# The RIGHT horse came at the WRONG time.



## AngelGurl (Jan 22, 2008)

Yep.
I've found a horse I really and truley like.
But I am not, at the time, ready.
I can afford to have another one, but the thing is I just don't have enough shelter.
I wouldn't want to buy a horse, then have it out there in the rain/storms. 
If I had a horse friend, I would see about buying her, then keeping her at a friends place (Of course paying stuff like feed/farrier) then once I get more shelter - which will be about July - having her come3 to my house.
Sigh.
Oh, well.
------------------------------------------------------------------------
Name: Jasmine (I've always liked that name)
Breed: Spotted Saddle Horse (my friend had one. man they are SMOOTH)
Color: Blw/white (My favorite horse color)
Age: almost 4 (young, just like I wanted)
Height: 15.2
Gender: Mare
------------------------------------------------------------------------
Her add:
I have a wonderful coming 4 this year saddlehorse, she is blk/wht and marked beautiful. One blue eye and sweet as they come. She has not been trained any particular discipline, so finish her your way. Will ride, no buck, bite or kick. I just prefer non gaited horses is the only reason I am selling her. Good loving home ONLY!! 
Thank you PRICE REDUCED!!!!! 
------------------------------------------------------------------------
The info I've gotten:

Hi,
the story on her is that someone had her and wouldn't take care of her and I made him an offer he couldn't refuse, so I bought her and took care of her, updated all her shots, wormed her and fed her. I am not familiar with gaited horses much, I do western mostly. she has a great personality, but she had not been trained any specific disipline. She has hands on contact everyday with no problems, my husband has rode her a couple of times and she is green. She is not mean and gets along with the other horses. She will be turning 4 this year and I dont know alot about her before I got her. I had new babies drop this year and I don't have alot of time to spend with her and I don't want her to be a lawn ornament. She is a smart horse and easy to work with and has a very nice gait in the pasture. 
I'd say that she probably would need an intermediate rider because of the fact that she has not been consistently worked with. We do put our hands on her everyday, with grooming, leading, feeding and worming with no problems.
Thank you
------------------------------------------------------------------------
And here she is:


----------



## PoptartShop (Jul 25, 2010)

She looks pretty nice...
but yeah, if you don't have the proper place to keep her at or time for her (she is green so you'll have to spend a lot of time working with her) then the best thing is to not get her.


----------



## AKPaintLover (May 26, 2007)

she is pretty.  I hate that bad timing thing....I try not to even look for horses unless I am close to a time when I am planning to buy. 

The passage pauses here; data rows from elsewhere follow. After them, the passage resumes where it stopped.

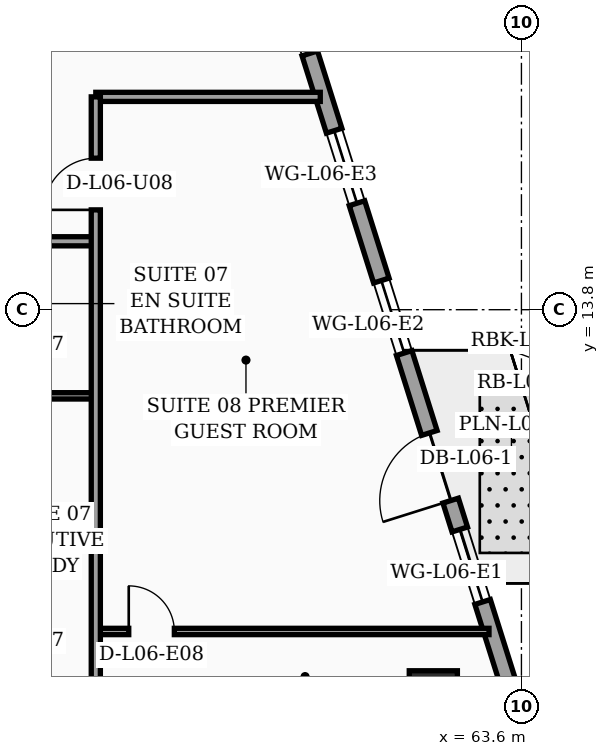
"""IFC4 building model, lengths in metres.
Left out: names, types, materials, properties, quantities, classifications, styles, units other than length and angle.
Written with IfcOpenShell. Run it as: python <this file> out.ifc"""

import sys

from ifc_helpers import new_model, si_unit, direction, frame, frame_2d, origin, origin_2d, place, context, subcontext, project, spatial, rectangle, hollow_rectangle, extrude, element, fill, save


model = new_model("IFC4")
c1 = context("Model", 3, precision=1e-05, world=origin(), true_north=direction((0.0, 1.0)))
c2 = subcontext(c1, "Body", "Model", "MODEL_VIEW")
j1 = project(units=[si_unit("LENGTHUNIT", "METRE"), si_unit("PLANEANGLEUNIT", "RADIAN")], contexts=[c1])
p1 = place(None, origin())
s1 = spatial("IfcSite", under=j1, at=p1, CompositionType="ELEMENT")
p2 = place(p1, origin())
s2 = spatial("IfcBuilding", under=s1, at=p2, CompositionType="ELEMENT")
p3 = place(p2, frame((0.0, 0.0, 30.8)))
s3 = spatial("IfcBuildingStorey", under=s2, at=p3, CompositionType="ELEMENT", Elevation=30.8)
p4 = place(p3, frame((61.861, 6.2, 0.0), z_axis=(0.0, 0.0, 1.0), x_axis=(1.0, 0.0, 0.0)))
e1 = element("IfcColumn", 1, at=p4, inside=s3, PredefinedType="COLUMN", context=c2, shape_type="SweptSolid", body=[
    extrude(hollow_rectangle(XDim=0.95, YDim=0.95, WallThickness=0.04, at=origin_2d()), origin(), (0.0, 0.0, 1.0), 3.56),
])
p5 = place(p3, frame((63.63, 5.505, 0.0), z_axis=(0.0, 0.0, 1.0), x_axis=(-0.300501856448, 0.953781229775, 0.0)))
e2 = element("IfcWall", 2, at=p5, inside=s3, PredefinedType="SOLIDWALL", context=c2, shape_type="SweptSolid", body=[
    extrude(rectangle(XDim=30.814, YDim=0.32, at=frame_2d((15.407, 0.0))), origin(), (0.0, 0.0, 1.0), 3.56),
])
p6 = place(p5, frame((4.747, 0.0, 0.0)))
e3 = element("IfcOpeningElement", 3, at=p6, cuts=e2, PredefinedType="OPENING", context=c2, shape_type="SweptSolid", body=[
    extrude(rectangle(XDim=1.4, YDim=2.25, at=frame_2d((0.7, 1.125))), frame((0.0, 0.17, 0.0), z_axis=(0.0, -1.0, 0.0), x_axis=(1.0, 0.0, 0.0)), (0.0, 0.0, 1.0), 0.34),
])
p7 = place(p5, frame((2.65, 0.0, 0.75)))
e4 = element("IfcOpeningElement", 4, at=p7, cuts=e2, PredefinedType="OPENING", context=c2, shape_type="SweptSolid", body=[
    extrude(rectangle(XDim=1.5, YDim=1.6, at=frame_2d((0.75, 0.8))), frame((0.0, 0.17, 0.0), z_axis=(0.0, -1.0, 0.0), x_axis=(1.0, 0.0, 0.0)), (0.0, 0.0, 1.0), 0.34),
])
p8 = place(p5, frame((7.8, 0.0, 0.75)))
e5 = element("IfcOpeningElement", 5, at=p8, cuts=e2, PredefinedType="OPENING", context=c2, shape_type="SweptSolid", body=[
    extrude(rectangle(XDim=1.5, YDim=1.6, at=frame_2d((0.75, 0.8))), frame((0.0, 0.17, 0.0), z_axis=(0.0, -1.0, 0.0), x_axis=(1.0, 0.0, 0.0)), (0.0, 0.0, 1.0), 0.34),
])
p9 = place(p5, frame((10.9, 0.0, 0.75)))
e6 = element("IfcOpeningElement", 6, at=p9, cuts=e2, PredefinedType="OPENING", context=c2, shape_type="SweptSolid", body=[
    extrude(rectangle(XDim=1.5, YDim=1.6, at=frame_2d((0.75, 0.8))), frame((0.0, 0.17, 0.0), z_axis=(0.0, -1.0, 0.0), x_axis=(1.0, 0.0, 0.0)), (0.0, 0.0, 1.0), 0.34),
])
p10 = place(p5, frame((14.0, 0.0, 0.75)))
e7 = element("IfcOpeningElement", 7, at=p10, cuts=e2, PredefinedType="OPENING", context=c2, shape_type="SweptSolid", body=[
    extrude(rectangle(XDim=1.5, YDim=1.6, at=frame_2d((0.75, 0.8))), frame((0.0, 0.17, 0.0), z_axis=(0.0, -1.0, 0.0), x_axis=(1.0, 0.0, 0.0)), (0.0, 0.0, 1.0), 0.34),
])
p11 = place(p5, frame((17.1, 0.0, 0.75)))
e8 = element("IfcOpeningElement", 8, at=p11, cuts=e2, PredefinedType="OPENING", context=c2, shape_type="SweptSolid", body=[
    extrude(rectangle(XDim=1.5, YDim=1.6, at=frame_2d((0.75, 0.8))), frame((0.0, 0.17, 0.0), z_axis=(0.0, -1.0, 0.0), x_axis=(1.0, 0.0, 0.0)), (0.0, 0.0, 1.0), 0.34),
])
p12 = place(p5, frame((20.2, 0.0, 0.75)))
e9 = element("IfcOpeningElement", 9, at=p12, cuts=e2, PredefinedType="OPENING", context=c2, shape_type="SweptSolid", body=[
    extrude(rectangle(XDim=1.5, YDim=1.6, at=frame_2d((0.75, 0.8))), frame((0.0, 0.17, 0.0), z_axis=(0.0, -1.0, 0.0), x_axis=(1.0, 0.0, 0.0)), (0.0, 0.0, 1.0), 0.34),
])
p13 = place(p5, frame((23.3, 0.0, 0.75)))
e10 = element("IfcOpeningElement", 10, at=p13, cuts=e2, PredefinedType="OPENING", context=c2, shape_type="SweptSolid", body=[
    extrude(rectangle(XDim=1.5, YDim=1.6, at=frame_2d((0.75, 0.8))), frame((0.0, 0.17, 0.0), z_axis=(0.0, -1.0, 0.0), x_axis=(1.0, 0.0, 0.0)), (0.0, 0.0, 1.0), 0.34),
])
p14 = place(p5, frame((26.4, 0.0, 0.75)))
e11 = element("IfcOpeningElement", 11, at=p14, cuts=e2, PredefinedType="OPENING", context=c2, shape_type="SweptSolid", body=[
    extrude(rectangle(XDim=1.5, YDim=1.6, at=frame_2d((0.75, 0.8))), frame((0.0, 0.17, 0.0), z_axis=(0.0, -1.0, 0.0), x_axis=(1.0, 0.0, 0.0)), (0.0, 0.0, 1.0), 0.34),
])
p15 = place(p3, frame((53.07, 12.1, 0.0), z_axis=(0.0, 0.0, 1.0), x_axis=(1.0, 0.0, 0.0)))
e12 = element("IfcWall", 12, at=p15, inside=s3, PredefinedType="PARTITIONING", context=c2, shape_type="SweptSolid", body=[
    extrude(rectangle(XDim=2.13, YDim=0.125, at=frame_2d((1.065, 0.0))), origin(), (0.0, 0.0, 1.0), 3.56),
])
p16 = place(p3, frame((32.4, 15.15, 0.0), z_axis=(0.0, 0.0, 1.0), x_axis=(1.0, 0.0, 0.0)))
e13 = element("IfcWall", 13, at=p16, inside=s3, PredefinedType="PARTITIONING", context=c2, shape_type="SweptSolid", body=[
    extrude(rectangle(XDim=22.8, YDim=0.18, at=frame_2d((11.4, 0.0))), origin(), (0.0, 0.0, 1.0), 2.84),
])
p17 = place(p16, frame((2.07, 0.0, 0.0)))
e14 = element("IfcOpeningElement", 14, at=p17, cuts=e13, PredefinedType="OPENING", context=c2, shape_type="SweptSolid", body=[
    extrude(rectangle(XDim=1.02, YDim=2.2, at=frame_2d((0.51, 1.1))), frame((0.0, 0.1, 0.0), z_axis=(0.0, -1.0, 0.0), x_axis=(1.0, 0.0, 0.0)), (0.0, 0.0, 1.0), 0.2),
])
p18 = place(p16, frame((9.5, 0.0, 0.0)))
e15 = element("IfcOpeningElement", 15, at=p18, cuts=e13, PredefinedType="OPENING", context=c2, shape_type="SweptSolid", body=[
    extrude(rectangle(XDim=1.02, YDim=2.2, at=frame_2d((0.51, 1.1))), frame((0.0, 0.1, 0.0), z_axis=(0.0, -1.0, 0.0), x_axis=(1.0, 0.0, 0.0)), (0.0, 0.0, 1.0), 0.2),
])
p19 = place(p16, frame((17.46, 0.0, 0.0)))
e16 = element("IfcOpeningElement", 16, at=p19, cuts=e13, PredefinedType="OPENING", context=c2, shape_type="SweptSolid", body=[
    extrude(rectangle(XDim=1.02, YDim=2.2, at=frame_2d((0.51, 1.1))), frame((0.0, 0.1, 0.0), z_axis=(0.0, -1.0, 0.0), x_axis=(1.0, 0.0, 0.0)), (0.0, 0.0, 1.0), 0.2),
])
p20 = place(p3, frame((55.2, 7.45, 0.0), z_axis=(0.0, 0.0, 1.0), x_axis=(1.0, 0.0, 0.0)))
e17 = element("IfcWall", 17, at=p20, inside=s3, PredefinedType="PARTITIONING", context=c2, shape_type="SweptSolid", body=[
    extrude(rectangle(XDim=7.76, YDim=0.125, at=frame_2d((3.88, 0.0))), origin(), (0.0, 0.0, 1.0), 3.04),
])
p21 = place(p20, frame((0.65, 0.0, 0.0)))
e18 = element("IfcOpeningElement", 18, at=p21, cuts=e17, PredefinedType="OPENING", context=c2, shape_type="SweptSolid", body=[
    extrude(rectangle(XDim=0.9, YDim=2.15, at=frame_2d((0.45, 1.075))), frame((0.0, 0.073, 0.0), z_axis=(0.0, -1.0, 0.0), x_axis=(1.0, 0.0, 0.0)), (0.0, 0.0, 1.0), 0.145),
])
p22 = place(p3, frame((55.2, 18.0, 0.0), z_axis=(0.0, 0.0, 1.0), x_axis=(1.0, 0.0, 0.0)))
e19 = element("IfcWall", 19, at=p22, inside=s3, PredefinedType="PARTITIONING", context=c2, shape_type="SweptSolid", body=[
    extrude(rectangle(XDim=4.43, YDim=0.18, at=frame_2d((2.215, 0.0))), origin(), (0.0, 0.0, 1.0), 3.04),
])
p23 = place(p3, frame((55.2, 2.44, 0.0), z_axis=(0.0, 0.0, 1.0), x_axis=(0.0, 1.0, 0.0)))
e20 = element("IfcWall", 20, at=p23, inside=s3, PredefinedType="PARTITIONING", context=c2, shape_type="SweptSolid", body=[
    extrude(rectangle(XDim=15.56, YDim=0.18, at=frame_2d((7.78, 0.0))), origin(), (0.0, 0.0, 1.0), 3.04),
])
p24 = place(p23, frame((13.33, 0.0, 0.0)))
e21 = element("IfcOpeningElement", 21, at=p24, cuts=e20, PredefinedType="OPENING", context=c2, shape_type="SweptSolid", body=[
    extrude(rectangle(XDim=1.02, YDim=2.2, at=frame_2d((0.51, 1.1))), frame((0.0, 0.1, 0.0), z_axis=(0.0, -1.0, 0.0), x_axis=(1.0, 0.0, 0.0)), (0.0, 0.0, 1.0), 0.2),
])
p25 = place(p6, origin())
e22 = element("IfcDoor", 22, at=p25, inside=s3, OperationType="SINGLE_SWING_LEFT", PredefinedType="DOOR", context=c2, shape_type="SweptSolid", body=[
    extrude(rectangle(XDim=1.4, YDim=2.25, at=frame_2d((0.7, 1.125))), frame((0.0, 0.025, 0.0), z_axis=(0.0, -1.0, 0.0), x_axis=(1.0, 0.0, 0.0)), (0.0, 0.0, 1.0), 0.05),
])
fill(e3, e22)
p26 = place(p7, origin())
e23 = element("IfcWindow", 23, at=p26, inside=s3, PartitioningType="SINGLE_PANEL", PredefinedType="WINDOW", context=c2, shape_type="SweptSolid", body=[
    extrude(rectangle(XDim=1.5, YDim=1.6, at=frame_2d((0.75, 0.8))), frame((0.0, 0.03, 0.0), z_axis=(0.0, -1.0, 0.0), x_axis=(1.0, 0.0, 0.0)), (0.0, 0.0, 1.0), 0.06),
])
fill(e4, e23)
p27 = place(p8, origin())
e24 = element("IfcWindow", 24, at=p27, inside=s3, PartitioningType="SINGLE_PANEL", PredefinedType="WINDOW", context=c2, shape_type="SweptSolid", body=[
    extrude(rectangle(XDim=1.5, YDim=1.6, at=frame_2d((0.75, 0.8))), frame((0.0, 0.03, 0.0), z_axis=(0.0, -1.0, 0.0), x_axis=(1.0, 0.0, 0.0)), (0.0, 0.0, 1.0), 0.06),
])
fill(e5, e24)
p28 = place(p9, origin())
e25 = element("IfcWindow", 25, at=p28, inside=s3, PartitioningType="SINGLE_PANEL", PredefinedType="WINDOW", context=c2, shape_type="SweptSolid", body=[
    extrude(rectangle(XDim=1.5, YDim=1.6, at=frame_2d((0.75, 0.8))), frame((0.0, 0.03, 0.0), z_axis=(0.0, -1.0, 0.0), x_axis=(1.0, 0.0, 0.0)), (0.0, 0.0, 1.0), 0.06),
])
fill(e6, e25)
p29 = place(p10, origin())
e26 = element("IfcWindow", 26, at=p29, inside=s3, PartitioningType="SINGLE_PANEL", PredefinedType="WINDOW", context=c2, shape_type="SweptSolid", body=[
    extrude(rectangle(XDim=1.5, YDim=1.6, at=frame_2d((0.75, 0.8))), frame((0.0, 0.03, 0.0), z_axis=(0.0, -1.0, 0.0), x_axis=(1.0, 0.0, 0.0)), (0.0, 0.0, 1.0), 0.06),
])
fill(e7, e26)
p30 = place(p21, origin())
e27 = element("IfcDoor", 27, at=p30, inside=s3, OperationType="SINGLE_SWING_LEFT", PredefinedType="DOOR", context=c2, shape_type="SweptSolid", body=[
    extrude(rectangle(XDim=0.9, YDim=2.15, at=frame_2d((0.45, 1.075))), frame((0.0, 0.025, 0.0), z_axis=(0.0, -1.0, 0.0), x_axis=(1.0, 0.0, 0.0)), (0.0, 0.0, 1.0), 0.05),
])
fill(e18, e27)
p31 = place(p24, origin())
e28 = element("IfcDoor", 28, at=p31, inside=s3, OperationType="SINGLE_SWING_LEFT", PredefinedType="DOOR", context=c2, shape_type="SweptSolid", body=[
    extrude(rectangle(XDim=1.02, YDim=2.2, at=frame_2d((0.51, 1.1))), frame((0.0, 0.025, 0.0), z_axis=(0.0, -1.0, 0.0), x_axis=(1.0, 0.0, 0.0)), (0.0, 0.0, 1.0), 0.05),
])
fill(e21, e28)
save(model, sys.argv[1])

You know it might not hurt to ask if you could board her where she is at until accommodations can be made...July is really not far off. You could pay for her and then pay to board her there, or even ask if you can pay a deposit, take over her feed bill, come out to ride a few times, and then complete payment upon pickup...there are so many options that might be able to be worked out with a seller. 

Also, if you are truly financially set up to get a horse, building a protective shelter is pretty easy and inexpensive. Electric fencing is pretty easy and inexpensive. You can always make fancier accommodations in the future, but as long as you protect from wind/rain, the horse should be happy.


----------



## AngelGurl (Jan 22, 2008)

I'm thinking about seeing if I could work something out..
Hmm.


----------



## PoptartShop (Jul 25, 2010)

Yeah, keep trying.


----------



## MtnLiving (Apr 27, 2008)

OMG she's beautiful!

She's prettier than my girl even!


----------



## ahearn (Jul 10, 2007)

She is just lovely. I responded to your other post about Spotted Saddle horses. I have one that actually looks just like her minus the blue eye thing. (I have an adversion to horses with blue eyes for some reason) But she has a blue eye where there is black and i think it looks kinda cool!!

I agree with AKP that it's very inexpensive to set up temporary shelter for horses. I'm juts a true believer that horses find their others...ask JDI, her horse found her and now look at them! IF you truly feel like this is the one, you can make arrangements until July. Heck, if you were close to Texas I'd board her for ya!! :wink: My Slick would think he'd died and gone to heaven having such a gorgeous pasture mate. (Actually my 3 geldings would probably fight over her!)


----------



## Dumas'_Grrrl (Apr 2, 2008)

I would definately look into making arrangements. Sometimes its the right horse at the right time. Life has a way of making us "reach" for what we really want. :wink: 

I put up electric fence for about $200. It is not hard at all! We bought plastic fence posts that had hooks on them drove steel corner posts and put plastic clips on them. bought a $30 charger and away we went! We had it up in a day! And that included going to the store and getting all the stuff. Now a lot of horse folks would say that the fence isn't tall enough but only one of my horses have gotten out and it was my fault, when I forgot to plug the fence back in! 

We do not have a shelter and the horses have done really well. We would like to put up one this summer. We have had them since october of last yr.

This is just what we did. I hope this helps you out.


----------



## PoptartShop (Jul 25, 2010)

Any updates?


----------



## Delregans Way (Sep 11, 2007)

You have a huge task in head of you if you do purchase :!: :!:


----------



## Bucky's Buddy (Jan 27, 2008)

I think she is pretty, but don't bite if the price or timing isn't right. Also, take into consideration the _project_ she would be. 

If I had the money and right facilities, I'd get her!


----------



## CaEcho (May 7, 2008)

She is very pretty, and looks to be a real sweetheart


----------